Todos os anos, no dia da procissão de Nossa Senhora Aparecida o mesmo ritual se repetia. Logo depois de retirar o café da manhã da mesa e lavar a louça, começavam os preparativos da mulher de Serafim. Depois de preparar o sanduíche, envolvê-lo em papel pardo e guardá-lo na bolsa a tiracolo ela fechava portas e janelas, fazia as mesmas recomendações e partia.
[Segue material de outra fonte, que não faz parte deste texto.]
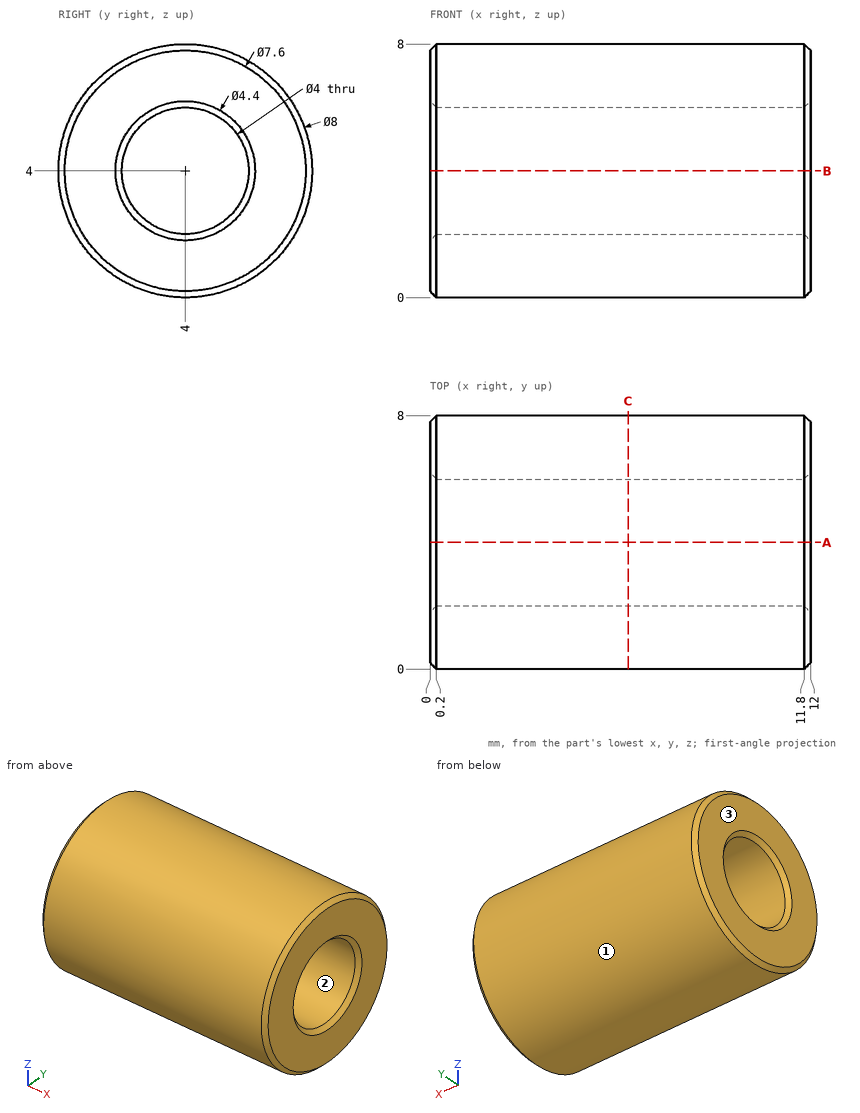
Check sheet for the drawn part. Datum: minimum x, y, z corner. Units: mm. Round coordinates to 2 decimals unless told otherwise and drop trailing zeros. Order: outer loops, then holes, each group sorted by start corner. A loop starts at its lowest first (then second) coordinate and runs counter-clockwise, first axis right, second up. Notation, with made-up numbers: (-30.75, 66) -> (-16.75, 66) arc R18 cw to (-16.75, 74) -> close; hole circle Ø10 at (-24, 1.25). An arc over 180 degrees is marked (long way). Use CSV: the item, a comma, the result in double quotes.
(1) Material ranges on line 1 along Y through (x, z) = (3.5, 4); line 2 along Z through (x, y) = (11, 5.75); line 3 along Y through (x, z) = (3.5, 3.5), recorded low to high. Write a range as from..to.
Worked out:
line 1,"0..2, 6..8"
line 2,"0.4..3.03, 4.97..7.6"
line 3,"0.03..2.06, 5.94..7.97"
(2) Depth check by flat-ended pin: pin 1 (4 mm diameter, centred on x = 5.5, z = 7, fed in from -Y). Enter the tip coordinate at first touch or a pass-through.
Worked out:
pin 1,"y = 0.13"
(3) Cross-section at C-C (x = 6.25). Record the boundary of the cut face in (y, z).
Worked out:
outline,"circle Ø8 at (4, 4); hole circle Ø4 at (4, 4)"
(4) Cross-section at A-A (y = 4). Record the boundary of the cut face in (x, z), and give its area (3 significant figures).
Worked out:
outline,"(0, 0.2) -> (0.2, 0) -> (11.8, 0) -> (12, 0.2) -> (12, 1.8) -> (11.8, 2) -> (0.2, 2) -> (0, 1.8) -> close; (0, 6.2) -> (0.2, 6) -> (11.8, 6) -> (12, 6.2) -> (12, 7.8) -> (11.8, 8) -> (0.2, 8) -> (0, 7.8) -> close"
area,"47.8 mm²"
(5) Draft check along Z on the marked faces 1, 2 and 3. Enter one of: pulls with the +Z half, pulls with the -Z half, needs draft (parallel to the pull), parting line crosses it, or undercut.
Worked out:
face 1,"parting line crosses it"
face 2,"undercut"
face 3,"needs draft"

Só então ele deixava escapar um longo suspiro de alívio, esfregava as mãos antes de retirar a gaiola da viga do terraço, fechava a porta de casa e rumava para os lados da mata enquanto o sabiá cantava alegremente dentro da gaiola. Tinha o dia livre para fazer o que lhe desse na telha, pouco ou nada o afetavam as manias de sua mulher habituada a freqüentar a casa do pároco, a sacristia e a igreja em todas as oportunidades. Depois que a velhice chegara, era a sua maneira de preencher a vida.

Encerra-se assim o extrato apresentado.